A melhor prova dos crimes cometidos pela administração Bolsonaro é o Auxílio Emergencial. Resultado de ampla pressão da sociedade junto ao Congresso Nacional, Bolsonaro teve que implementá-lo, muito a contragosto. Depois, quando viu que renderia votos, reescreveu a história e se apropriou do que não era seu.
O Auxílio teve impacto extremamente relevante na diminuição da miséria e na redução das desigualdades, especialmente em relação as mulheres negras. É o que mostra estudo recente e extremamente interessante e inovador, de Lygia Sabbag Fares, Ana Luíza Matos de Oliveira, Luísa Cardoso e Luiza Nassif-Pires. A partir de dados da Pnad-Covid, a pesquisa apresenta evidências de que a crise econômica afeta desproporcionalmente mais famílias chefiadas por mulheres negras e demonstra a importância que o Auxílio Emergencial teve em mitigar tais efeitos. As autoras mostram que a renda do trabalho de famílias chefiadas por homens brancos, homens negros, e mulheres brancas, respectivamente, chegou a ser 2,55, 1,41 e 1,88 vezes maior que a das famílias chefiadas por mulheres negras em agosto de 2020. Contudo, graças ao Auxilio Emergencial, a renda das famílias chefiadas por mulheres negras tornou-se mais próxima à renda de todos os outros grupos, mesmo quando comparado ao período pré-pandemia.

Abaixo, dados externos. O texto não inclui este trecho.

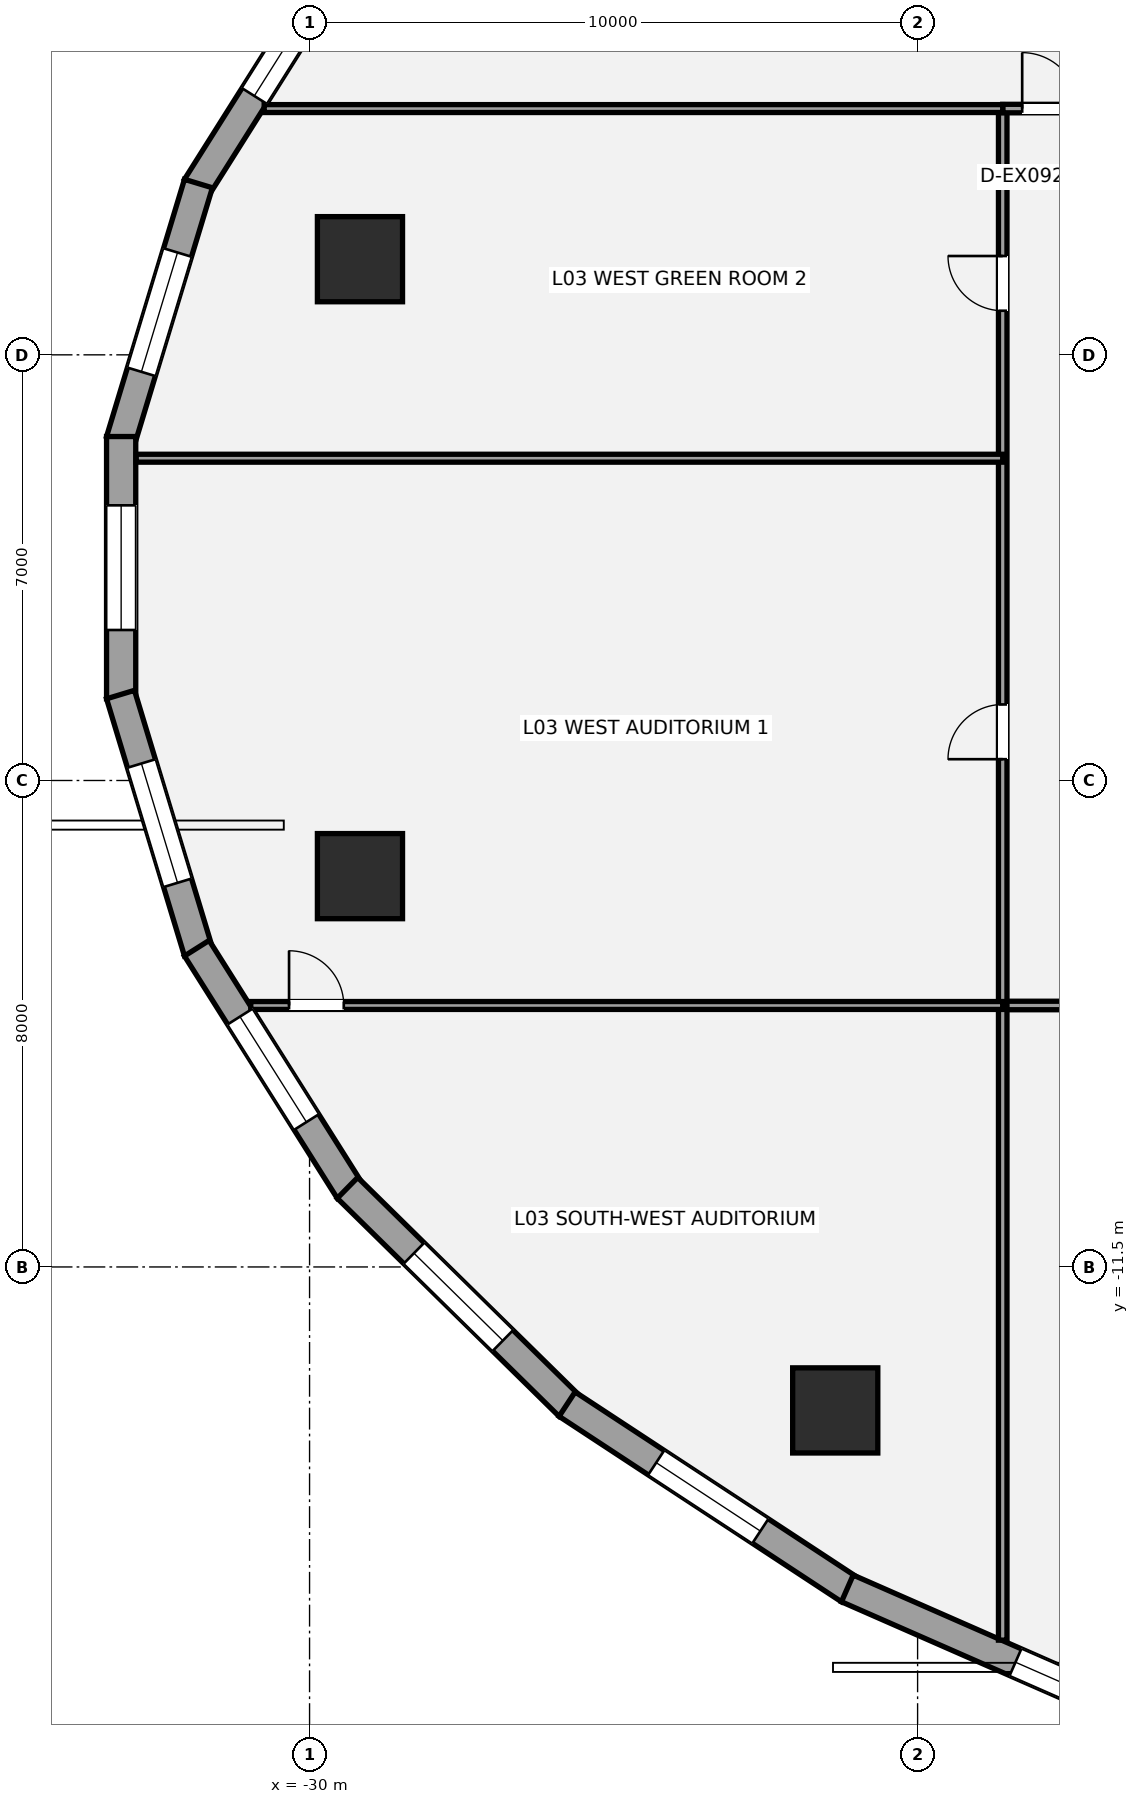
"""IFC4 building model, lengths in metres.
Left out: names, types, materials, properties, quantities, classifications, styles, units other than length and angle.
Written with IfcOpenShell. Run it as: python <this file> out.ifc"""

import sys

from ifc_helpers import new_model, si_unit, direction, frame, frame_2d, origin, origin_2d, place, context, subcontext, project, spatial, rectangle, hollow_circle, extrude, element, fill, save


model = new_model("IFC4")
c1 = context("Model", 3, precision=1e-05, world=origin(), true_north=direction((0.0, 1.0)))
c2 = subcontext(c1, "Body", "Model", "MODEL_VIEW")
j1 = project(units=[si_unit("LENGTHUNIT", "METRE"), si_unit("PLANEANGLEUNIT", "RADIAN")], contexts=[c1])
p1 = place(None, origin())
s1 = spatial("IfcSite", under=j1, at=p1, CompositionType="ELEMENT")
p2 = place(p1, origin())
s2 = spatial("IfcBuilding", under=s1, at=p2, CompositionType="ELEMENT")
p3 = place(p2, frame((0.0, 0.0, 14.4)))
s3 = spatial("IfcBuildingStorey", under=s2, at=p3, CompositionType="ELEMENT", Elevation=14.4)
for number, where, z_axis, x_axis in (
    (1, (-29.171, 5.073, 0.0), (0.0, 0.0, 1.0), (1.0, 0.0, 0.0)),
    (2, (-29.171, -5.073, 0.0), (0.0, 0.0, 1.0), (1.0, 0.0, 0.0)),
    (3, (-21.354, -13.859, 0.0), (0.0, 0.0, 1.0), (1.0, 0.0, 0.0)),
):
    element("IfcColumn", number, at=place(p3, frame(where, z_axis=z_axis, x_axis=x_axis)), inside=s3, PredefinedType="USERDEFINED", context=c2, shape_type="SweptSolid", body=[
        extrude(hollow_circle(Radius=0.7, WallThickness=0.05, at=origin_2d()), origin(), (0.0, 0.0, 1.0), 4.2),
    ])
p4 = place(p3, frame((-31.854, 6.258, 0.0), z_axis=(0.0, 0.0, 1.0), x_axis=(0.53349762721, 0.845801561693, 0.0)))
e4 = element("IfcWall", 4, at=p4, inside=s3, PredefinedType="STANDARD", context=c2, shape_type="SweptSolid", body=[
    extrude(rectangle(XDim=4.711, YDim=0.48, at=frame_2d((2.355, 0.0))), origin(), (0.0, 0.0, 1.0), 3.109),
])
p5 = place(p4, frame((1.773, 0.0, 0.72)))
e5 = element("IfcOpeningElement", 5, at=p5, cuts=e4, PredefinedType="OPENING", context=c2, shape_type="SweptSolid", body=[
    extrude(rectangle(XDim=2.05, YDim=1.8, at=frame_2d((1.025, 0.9))), frame((0.0, 0.25, 0.0), z_axis=(0.0, -1.0, 0.0), x_axis=(1.0, 0.0, 0.0)), (0.0, 0.0, 1.0), 0.5),
])
p6 = place(p3, frame((-33.109, 2.087, 0.0), z_axis=(0.0, 0.0, 1.0), x_axis=(0.289855603468, 0.957070388811, 0.0)))
e6 = element("IfcWall", 6, at=p6, inside=s3, PredefinedType="STANDARD", context=c2, shape_type="SweptSolid", body=[
    extrude(rectangle(XDim=4.419, YDim=0.48, at=frame_2d((2.21, 0.0))), origin(), (0.0, 0.0, 1.0), 3.109),
])
p7 = place(p6, frame((1.185, 0.0, 0.72)))
e7 = element("IfcOpeningElement", 7, at=p7, cuts=e6, PredefinedType="OPENING", context=c2, shape_type="SweptSolid", body=[
    extrude(rectangle(XDim=2.05, YDim=1.8, at=frame_2d((1.025, 0.9))), frame((0.0, 0.25, 0.0), z_axis=(0.0, -1.0, 0.0), x_axis=(1.0, 0.0, 0.0)), (0.0, 0.0, 1.0), 0.5),
])
p8 = place(p3, frame((-33.099, -2.156, 0.0), z_axis=(0.0, 0.0, 1.0), x_axis=(0.0, 1.0, 0.0)))
e8 = element("IfcWall", 8, at=p8, inside=s3, PredefinedType="STANDARD", context=c2, shape_type="SweptSolid", body=[
    extrude(rectangle(XDim=4.313, YDim=0.48, at=frame_2d((2.156, 0.0))), origin(), (0.0, 0.0, 1.0), 3.109),
])
p9 = place(p8, frame((1.131, 0.0, 0.72)))
e9 = element("IfcOpeningElement", 9, at=p9, cuts=e8, PredefinedType="OPENING", context=c2, shape_type="SweptSolid", body=[
    extrude(rectangle(XDim=2.05, YDim=1.8, at=frame_2d((1.025, 0.9))), frame((0.0, 0.25, 0.0), z_axis=(0.0, -1.0, 0.0), x_axis=(1.0, 0.0, 0.0)), (0.0, 0.0, 1.0), 0.5),
])
p10 = place(p3, frame((-31.828, -6.317, 0.0), z_axis=(0.0, 0.0, 1.0), x_axis=(-0.289855603468, 0.957070388811, 0.0)))
e10 = element("IfcWall", 10, at=p10, inside=s3, PredefinedType="STANDARD", context=c2, shape_type="SweptSolid", body=[
    extrude(rectangle(XDim=4.419, YDim=0.48, at=frame_2d((2.21, 0.0))), origin(), (0.0, 0.0, 1.0), 3.109),
])
p11 = place(p10, frame((1.185, 0.0, 0.72)))
e11 = element("IfcOpeningElement", 11, at=p11, cuts=e10, PredefinedType="OPENING", context=c2, shape_type="SweptSolid", body=[
    extrude(rectangle(XDim=2.05, YDim=1.8, at=frame_2d((1.025, 0.9))), frame((0.0, 0.25, 0.0), z_axis=(0.0, -1.0, 0.0), x_axis=(1.0, 0.0, 0.0)), (0.0, 0.0, 1.0), 0.5),
])
p12 = place(p3, frame((-29.341, -10.243, 0.0), z_axis=(0.0, 0.0, 1.0), x_axis=(-0.53349762721, 0.845801561693, 0.0)))
e12 = element("IfcWall", 12, at=p12, inside=s3, PredefinedType="STANDARD", context=c2, shape_type="SweptSolid", body=[
    extrude(rectangle(XDim=4.711, YDim=0.48, at=frame_2d((2.355, 0.0))), origin(), (0.0, 0.0, 1.0), 3.109),
])
p13 = place(p12, frame((1.33, 0.0, 0.72)))
e13 = element("IfcOpeningElement", 13, at=p13, cuts=e12, PredefinedType="OPENING", context=c2, shape_type="SweptSolid", body=[
    extrude(rectangle(XDim=2.05, YDim=1.8, at=frame_2d((1.025, 0.9))), frame((0.0, 0.25, 0.0), z_axis=(0.0, -1.0, 0.0), x_axis=(1.0, 0.0, 0.0)), (0.0, 0.0, 1.0), 0.5),
])
p14 = place(p3, frame((-25.728, -13.785, 0.0), z_axis=(0.0, 0.0, 1.0), x_axis=(-0.713189080178, 0.700971708355, 0.0)))
e14 = element("IfcWall", 14, at=p14, inside=s3, PredefinedType="STANDARD", context=c2, shape_type="SweptSolid", body=[
    extrude(rectangle(XDim=5.116, YDim=0.48, at=frame_2d((2.558, 0.0))), origin(), (0.0, 0.0, 1.0), 3.109),
])
p15 = place(p14, frame((1.533, 0.0, 0.72)))
e15 = element("IfcOpeningElement", 15, at=p15, cuts=e14, PredefinedType="OPENING", context=c2, shape_type="SweptSolid", body=[
    extrude(rectangle(XDim=2.05, YDim=1.8, at=frame_2d((1.025, 0.9))), frame((0.0, 0.25, 0.0), z_axis=(0.0, -1.0, 0.0), x_axis=(1.0, 0.0, 0.0)), (0.0, 0.0, 1.0), 0.5),
])
p16 = place(p3, frame((-21.121, -16.806, 0.0), z_axis=(0.0, 0.0, 1.0), x_axis=(-0.835863918172, 0.548936708827, 0.0)))
e16 = element("IfcWall", 16, at=p16, inside=s3, PredefinedType="STANDARD", context=c2, shape_type="SweptSolid", body=[
    extrude(rectangle(XDim=5.555, YDim=0.48, at=frame_2d((2.778, 0.0))), origin(), (0.0, 0.0, 1.0), 3.109),
])
p17 = place(p16, frame((1.753, 0.0, 0.72)))
e17 = element("IfcOpeningElement", 17, at=p17, cuts=e16, PredefinedType="OPENING", context=c2, shape_type="SweptSolid", body=[
    extrude(rectangle(XDim=2.05, YDim=1.8, at=frame_2d((1.025, 0.9))), frame((0.0, 0.25, 0.0), z_axis=(0.0, -1.0, 0.0), x_axis=(1.0, 0.0, 0.0)), (0.0, 0.0, 1.0), 0.5),
])
p18 = place(p3, frame((-15.695, -19.183, 0.0), z_axis=(0.0, 0.0, 1.0), x_axis=(-0.91570760638, 0.401845218484, 0.0)))
e18 = element("IfcWall", 18, at=p18, inside=s3, PredefinedType="STANDARD", context=c2, shape_type="SweptSolid", body=[
    extrude(rectangle(XDim=5.963, YDim=0.48, at=frame_2d((2.981, 0.0))), origin(), (0.0, 0.0, 1.0), 3.109),
])
p19 = place(p18, frame((0.893, 0.0, 0.72)))
e19 = element("IfcOpeningElement", 19, at=p19, cuts=e18, PredefinedType="OPENING", context=c2, shape_type="SweptSolid", body=[
    extrude(rectangle(XDim=2.05, YDim=1.8, at=frame_2d((1.025, 0.9))), frame((0.0, 0.25, 0.0), z_axis=(0.0, -1.0, 0.0), x_axis=(1.0, 0.0, 0.0)), (0.0, 0.0, 1.0), 0.5),
])
p20 = place(p3, frame((-18.6, -7.2, 0.0), z_axis=(0.0, 0.0, 1.0), x_axis=(1.0, 0.0, 0.0)))
e20 = element("IfcWall", 20, at=p20, inside=s3, PredefinedType="PARTITIONING", context=c2, shape_type="SweptSolid", body=[
    extrude(rectangle(XDim=34.6, YDim=0.14, at=frame_2d((17.3, 0.0))), origin(), (0.0, 0.0, 1.0), 3.98),
])
p21 = place(p20, frame((3.6, 0.0, 0.0)))
e21 = element("IfcOpeningElement", 21, at=p21, cuts=e20, PredefinedType="OPENING", context=c2, shape_type="SweptSolid", body=[
    extrude(rectangle(XDim=0.9, YDim=2.1, at=frame_2d((0.45, 1.05))), frame((0.0, 0.08, 0.0), z_axis=(0.0, -1.0, 0.0), x_axis=(1.0, 0.0, 0.0)), (0.0, 0.0, 1.0), 0.16),
])
p22 = place(p20, frame((12.15, 0.0, 0.0)))
e22 = element("IfcOpeningElement", 22, at=p22, cuts=e20, PredefinedType="OPENING", context=c2, shape_type="SweptSolid", body=[
    extrude(rectangle(XDim=0.9, YDim=2.1, at=frame_2d((0.45, 1.05))), frame((0.0, 0.08, 0.0), z_axis=(0.0, -1.0, 0.0), x_axis=(1.0, 0.0, 0.0)), (0.0, 0.0, 1.0), 0.16),
])
p23 = place(p20, frame((20.8, 0.0, 0.0)))
e23 = element("IfcOpeningElement", 23, at=p23, cuts=e20, PredefinedType="OPENING", context=c2, shape_type="SweptSolid", body=[
    extrude(rectangle(XDim=0.9, YDim=2.1, at=frame_2d((0.45, 1.05))), frame((0.0, 0.08, 0.0), z_axis=(0.0, -1.0, 0.0), x_axis=(1.0, 0.0, 0.0)), (0.0, 0.0, 1.0), 0.16),
])
p24 = place(p20, frame((29.55, 0.0, 0.0)))
e24 = element("IfcOpeningElement", 24, at=p24, cuts=e20, PredefinedType="OPENING", context=c2, shape_type="SweptSolid", body=[
    extrude(rectangle(XDim=0.9, YDim=2.1, at=frame_2d((0.45, 1.05))), frame((0.0, 0.08, 0.0), z_axis=(0.0, -1.0, 0.0), x_axis=(1.0, 0.0, 0.0)), (0.0, 0.0, 1.0), 0.16),
])
p25 = place(p3, frame((-18.6, -17.637, 0.0), z_axis=(0.0, 0.0, 1.0), x_axis=(0.0, 1.0, 0.0)))
e25 = element("IfcWall", 25, at=p25, inside=s3, PredefinedType="PARTITIONING", context=c2, shape_type="SweptSolid", body=[
    extrude(rectangle(XDim=25.187, YDim=0.14, at=frame_2d((12.594, 0.0))), origin(), (0.0, 0.0, 1.0), 3.348),
])
p26 = place(p25, frame((14.487, 0.0, 0.0)))
e26 = element("IfcOpeningElement", 26, at=p26, cuts=e25, PredefinedType="OPENING", context=c2, shape_type="SweptSolid", body=[
    extrude(rectangle(XDim=0.9, YDim=2.1, at=frame_2d((0.45, 1.05))), frame((0.0, 0.08, 0.0), z_axis=(0.0, -1.0, 0.0), x_axis=(1.0, 0.0, 0.0)), (0.0, 0.0, 1.0), 0.16),
])
p27 = place(p25, frame((21.862, 0.0, 0.0)))
e27 = element("IfcOpeningElement", 27, at=p27, cuts=e25, PredefinedType="OPENING", context=c2, shape_type="SweptSolid", body=[
    extrude(rectangle(XDim=0.9, YDim=2.1, at=frame_2d((0.45, 1.05))), frame((0.0, 0.08, 0.0), z_axis=(0.0, -1.0, 0.0), x_axis=(1.0, 0.0, 0.0)), (0.0, 0.0, 1.0), 0.16),
])
p28 = place(p3, frame((-18.6, 7.55, 0.0), z_axis=(0.0, 0.0, 1.0), x_axis=(1.0, 0.0, 0.0)))
e28 = element("IfcWall", 28, at=p28, inside=s3, PredefinedType="PARTITIONING", context=c2, shape_type="SweptSolid", body=[
    extrude(rectangle(XDim=4.55, YDim=0.14, at=frame_2d((2.275, 0.0))), origin(), (0.0, 0.0, 1.0), 3.433),
])
p29 = place(p28, frame((0.32, 0.0, 0.0)))
e29 = element("IfcOpeningElement", 29, at=p29, cuts=e28, PredefinedType="OPENING", context=c2, shape_type="SweptSolid", body=[
    extrude(rectangle(XDim=0.92, YDim=2.15, at=frame_2d((0.46, 1.075))), frame((0.0, 0.08, 0.0), z_axis=(0.0, -1.0, 0.0), x_axis=(1.0, 0.0, 0.0)), (0.0, 0.0, 1.0), 0.16),
])
p30 = place(p3, frame((-30.747, 7.55, 0.0), z_axis=(0.0, 0.0, 1.0), x_axis=(1.0, 0.0, 0.0)))
e30 = element("IfcWall", 30, at=p30, inside=s3, PredefinedType="PARTITIONING", context=c2, shape_type="SweptSolid", body=[
    extrude(rectangle(XDim=12.146, YDim=0.13, at=frame_2d((6.073, 0.0))), origin(), (0.0, 0.0, 1.0), 2.958),
])
p31 = place(p3, frame((-30.967, -7.2, 0.0), z_axis=(0.0, 0.0, 1.0), x_axis=(1.0, 0.0, 0.0)))
e31 = element("IfcWall", 31, at=p31, inside=s3, PredefinedType="PARTITIONING", context=c2, shape_type="SweptSolid", body=[
    extrude(rectangle(XDim=12.367, YDim=0.13, at=frame_2d((6.184, 0.0))), origin(), (0.0, 0.0, 1.0), 2.958),
])
p32 = place(p31, frame((0.63, 0.0, 0.0)))
e32 = element("IfcOpeningElement", 32, at=p32, cuts=e31, PredefinedType="OPENING", context=c2, shape_type="SweptSolid", body=[
    extrude(rectangle(XDim=0.9, YDim=2.1, at=frame_2d((0.45, 1.05))), frame((0.0, 0.075, 0.0), z_axis=(0.0, -1.0, 0.0), x_axis=(1.0, 0.0, 0.0)), (0.0, 0.0, 1.0), 0.15),
])
p33 = place(p3, frame((-32.851, 1.8, 0.0), z_axis=(0.0, 0.0, 1.0), x_axis=(1.0, 0.0, 0.0)))
e33 = element("IfcWall", 33, at=p33, inside=s3, PredefinedType="PARTITIONING", context=c2, shape_type="SweptSolid", body=[
    extrude(rectangle(XDim=14.25, YDim=0.13, at=frame_2d((7.125, 0.0))), origin(), (0.0, 0.0, 1.0), 3.433),
])
p34 = place(p5, origin())
e34 = element("IfcWindow", 34, at=p34, inside=s3, PartitioningType="SINGLE_PANEL", PredefinedType="WINDOW", context=c2, shape_type="SweptSolid", body=[
    extrude(rectangle(XDim=2.05, YDim=1.8, at=frame_2d((1.025, 0.9))), frame((0.0, -0.01, 0.0), z_axis=(0.0, -1.0, 0.0), x_axis=(1.0, 0.0, 0.0)), (0.0, 0.0, 1.0), 0.06),
])
fill(e5, e34)
p35 = place(p7, origin())
e35 = element("IfcWindow", 35, at=p35, inside=s3, PartitioningType="SINGLE_PANEL", PredefinedType="WINDOW", context=c2, shape_type="SweptSolid", body=[
    extrude(rectangle(XDim=2.05, YDim=1.8, at=frame_2d((1.025, 0.9))), frame((0.0, -0.01, 0.0), z_axis=(0.0, -1.0, 0.0), x_axis=(1.0, 0.0, 0.0)), (0.0, 0.0, 1.0), 0.06),
])
fill(e7, e35)
p36 = place(p9, origin())
e36 = element("IfcWindow", 36, at=p36, inside=s3, PartitioningType="SINGLE_PANEL", PredefinedType="WINDOW", context=c2, shape_type="SweptSolid", body=[
    extrude(rectangle(XDim=2.05, YDim=1.8, at=frame_2d((1.025, 0.9))), frame((0.0, -0.01, 0.0), z_axis=(0.0, -1.0, 0.0), x_axis=(1.0, 0.0, 0.0)), (0.0, 0.0, 1.0), 0.06),
])
fill(e9, e36)
p37 = place(p11, origin())
e37 = element("IfcWindow", 37, at=p37, inside=s3, PartitioningType="SINGLE_PANEL", PredefinedType="WINDOW", context=c2, shape_type="SweptSolid", body=[
    extrude(rectangle(XDim=2.05, YDim=1.8, at=frame_2d((1.025, 0.9))), frame((0.0, -0.01, 0.0), z_axis=(0.0, -1.0, 0.0), x_axis=(1.0, 0.0, 0.0)), (0.0, 0.0, 1.0), 0.06),
])
fill(e11, e37)
p38 = place(p13, origin())
e38 = element("IfcWindow", 38, at=p38, inside=s3, PartitioningType="SINGLE_PANEL", PredefinedType="WINDOW", context=c2, shape_type="SweptSolid", body=[
    extrude(rectangle(XDim=2.05, YDim=1.8, at=frame_2d((1.025, 0.9))), frame((0.0, -0.01, 0.0), z_axis=(0.0, -1.0, 0.0), x_axis=(1.0, 0.0, 0.0)), (0.0, 0.0, 1.0), 0.06),
])
fill(e13, e38)
p39 = place(p15, origin())
e39 = element("IfcWindow", 39, at=p39, inside=s3, PartitioningType="SINGLE_PANEL", PredefinedType="WINDOW", context=c2, shape_type="SweptSolid", body=[
    extrude(rectangle(XDim=2.05, YDim=1.8, at=frame_2d((1.025, 0.9))), frame((0.0, -0.01, 0.0), z_axis=(0.0, -1.0, 0.0), x_axis=(1.0, 0.0, 0.0)), (0.0, 0.0, 1.0), 0.06),
])
fill(e15, e39)
p40 = place(p17, origin())
e40 = element("IfcWindow", 40, at=p40, inside=s3, PartitioningType="SINGLE_PANEL", PredefinedType="WINDOW", context=c2, shape_type="SweptSolid", body=[
    extrude(rectangle(XDim=2.05, YDim=1.8, at=frame_2d((1.025, 0.9))), frame((0.0, -0.01, 0.0), z_axis=(0.0, -1.0, 0.0), x_axis=(1.0, 0.0, 0.0)), (0.0, 0.0, 1.0), 0.06),
])
fill(e17, e40)
p41 = place(p19, origin())
e41 = element("IfcWindow", 41, at=p41, inside=s3, PartitioningType="SINGLE_PANEL", PredefinedType="WINDOW", context=c2, shape_type="SweptSolid", body=[
    extrude(rectangle(XDim=2.05, YDim=1.8, at=frame_2d((1.025, 0.9))), frame((0.0, -0.01, 0.0), z_axis=(0.0, -1.0, 0.0), x_axis=(1.0, 0.0, 0.0)), (0.0, 0.0, 1.0), 0.06),
])
fill(e19, e41)
p42 = place(p29, origin())
e42 = element("IfcDoor", 42, at=p42, inside=s3, OperationType="SINGLE_SWING_LEFT", PredefinedType="DOOR", context=c2, shape_type="SweptSolid", body=[
    extrude(rectangle(XDim=0.92, YDim=2.15, at=frame_2d((0.46, 1.075))), frame((0.0, 0.025, 0.0), z_axis=(0.0, -1.0, 0.0), x_axis=(1.0, 0.0, 0.0)), (0.0, 0.0, 1.0), 0.05),
])
fill(e29, e42)
p43 = place(p32, origin())
e43 = element("IfcDoor", 43, at=p43, inside=s3, OperationType="SINGLE_SWING_LEFT", PredefinedType="DOOR", context=c2, shape_type="SweptSolid", body=[
    extrude(rectangle(XDim=0.9, YDim=2.1, at=frame_2d((0.45, 1.05))), frame((0.0, 0.025, 0.0), z_axis=(0.0, -1.0, 0.0), x_axis=(1.0, 0.0, 0.0)), (0.0, 0.0, 1.0), 0.05),
])
fill(e32, e43)
p44 = place(p26, origin())
e44 = element("IfcDoor", 44, at=p44, inside=s3, OperationType="SINGLE_SWING_LEFT", PredefinedType="DOOR", context=c2, shape_type="SweptSolid", body=[
    extrude(rectangle(XDim=0.9, YDim=2.1, at=frame_2d((0.45, 1.05))), frame((0.0, 0.025, 0.0), z_axis=(0.0, -1.0, 0.0), x_axis=(1.0, 0.0, 0.0)), (0.0, 0.0, 1.0), 0.05),
])
fill(e26, e44)
p45 = place(p27, origin())
e45 = element("IfcDoor", 45, at=p45, inside=s3, OperationType="SINGLE_SWING_RIGHT", PredefinedType="DOOR", context=c2, shape_type="SweptSolid", body=[
    extrude(rectangle(XDim=0.9, YDim=2.1, at=frame_2d((0.45, 1.05))), frame((0.0, 0.025, 0.0), z_axis=(0.0, -1.0, 0.0), x_axis=(1.0, 0.0, 0.0)), (0.0, 0.0, 1.0), 0.05),
])
fill(e27, e45)
save(model, sys.argv[1])

O que esses dados revelam, para além da importância de programas de transferência de renda para combater a miséria e a pobreza, é que o Estado tem papel central não só no combate à fome, como no enfrentamento das desigualdades estruturais que caracterizam o Brasil: classe, raça e gênero.
É por isso que o ato deliberado de desativar o Auxílio Emergencial deve ser considerado crime de lesa pátria que se soma à responsabilidade pelas mortes de Covid-19, consequências de um governo homicida, sexista e racista, que ofende o Brasil.